Precision measurement is of foundational importance to scientific and engineering endeavors. The greatest challenge in tackling neural models’ failure modes and behavioral problems under this category is the challenge of measurement. Once a reliable and automatic measurement is designed, multiple lines of experiments could be iterated upon to improve the measurement. In general, even though LLMs are best conceptualized as abstractions for reasoning (through in-context learning), their locked-in parametric world knowledge is what makes them loosely self-contained as an application themselves (when combined with instruction finetuning). It is likely that knowledge-seeking queries based on parametric world knowledge have different error distribution characteristics, wherein long-tailed items could be tackled better whereas frequent items could suffer from conflating knowledge representations, which is in contrast to typical long-tailed behavior.
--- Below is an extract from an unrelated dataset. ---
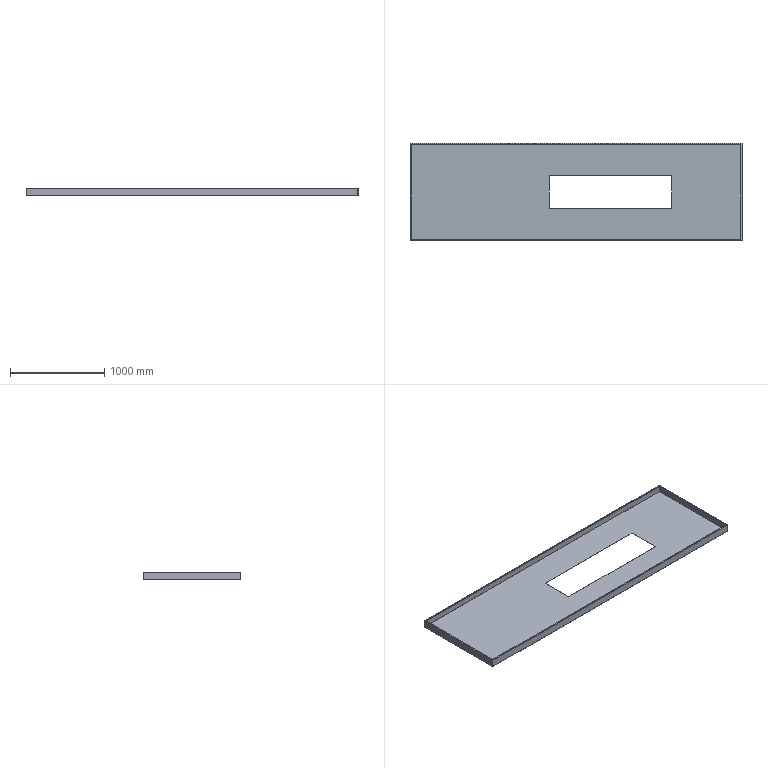Component | NX | DB4_12 | 1 solid | 20 faces | volume 6018762 mm3 | plane 20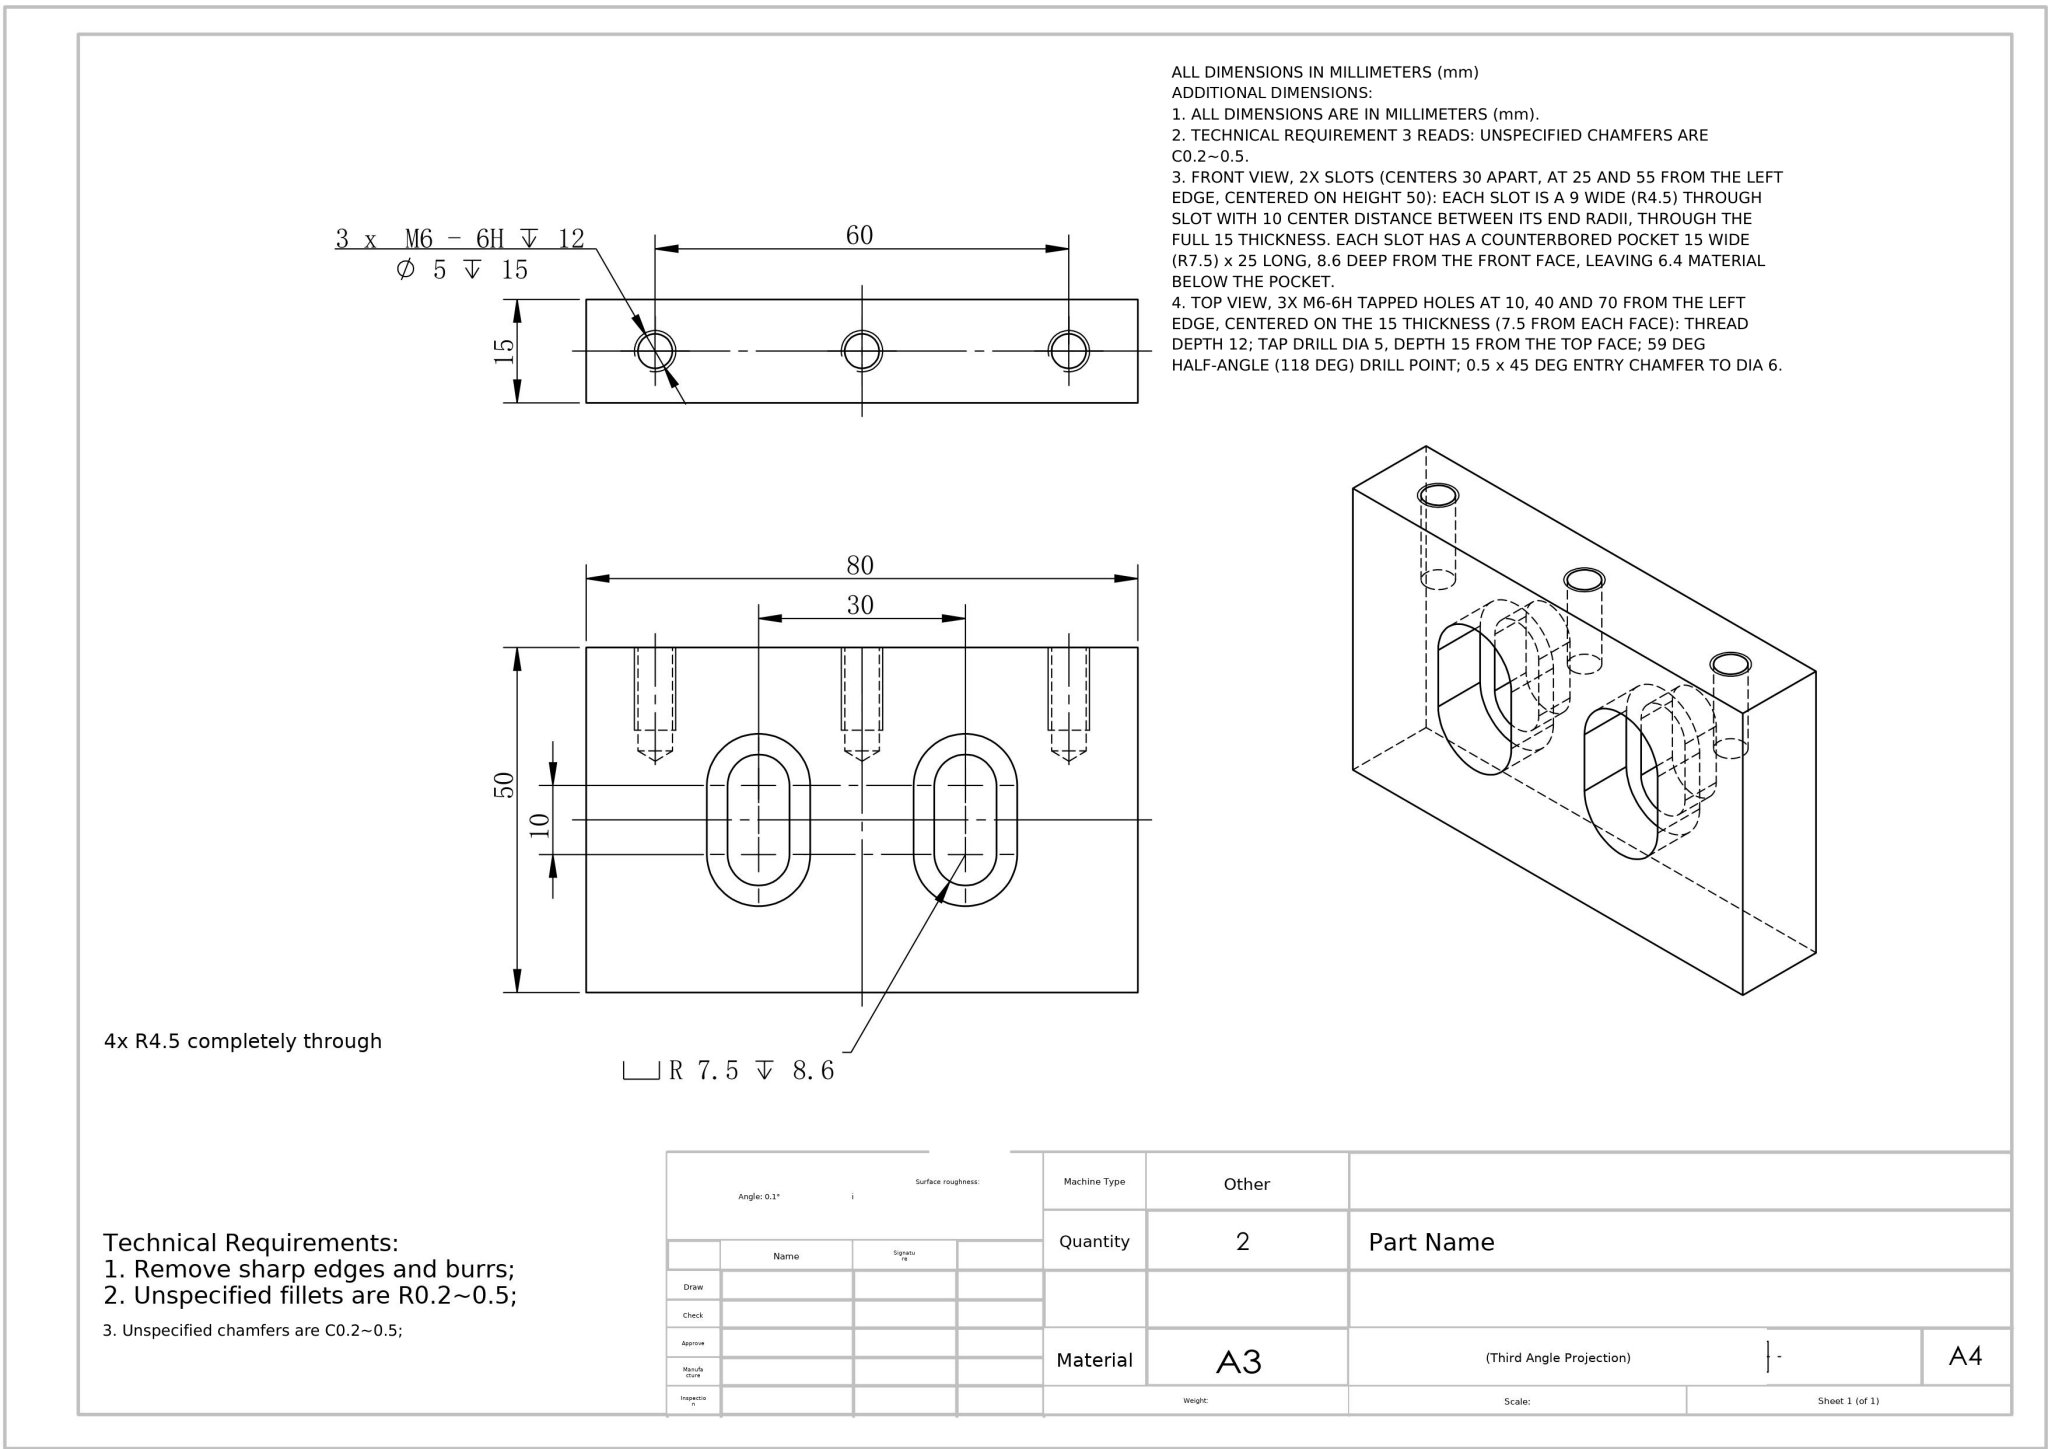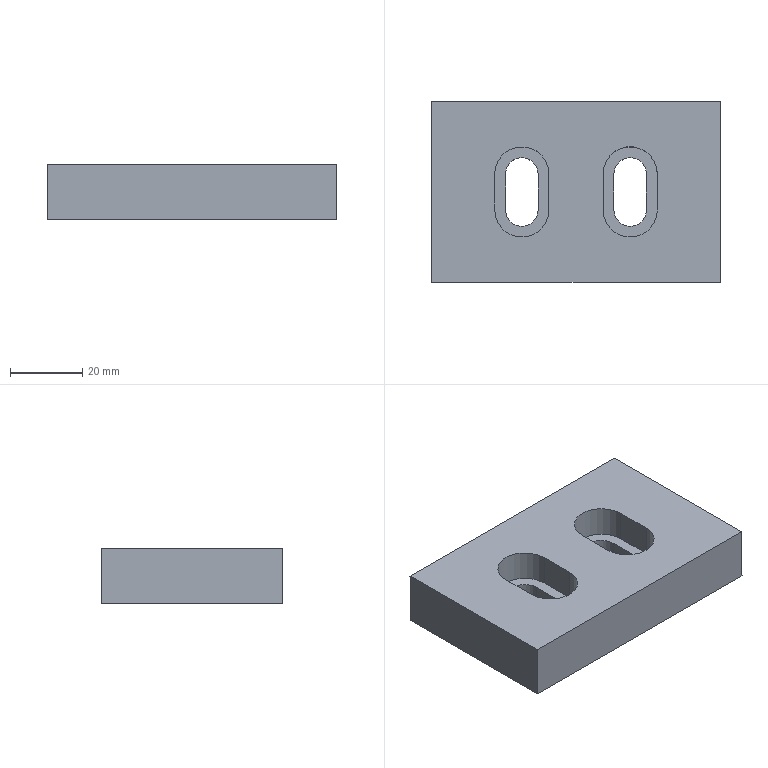Part | NX | mm | Dual Keyhole Mounting Plate | 1 solid | 33 faces | box 80.01 x 50.01 x 15 mm | volume 51495 mm3 | plane 16 | cylinder 11 | cone 6 | commonest cylinder face diameters 9 x4 15 x4 5 x3

As such, LLMs might have at least two separate long-tails of vulnerabilities along these two dimensions (knowledge vs task-specific) and enumerating these error distributions will be important in making them more reliable.

The Unknown Unknown: Principled Scaling of Large-Surface Automatic Evaluations

Scaling-up automatic evaluation is a key challenge with modern LLMs. Typically, the community moves by acting on the simple principles of observation, abstraction and iterating towards an automated measure based on static benchmarks. However, this needs to change as LLMs enter critical application spaces – synthetic-data based evaluation, when the target measurement is non-ambiguous is a promising direction to expand the scope of evaluation.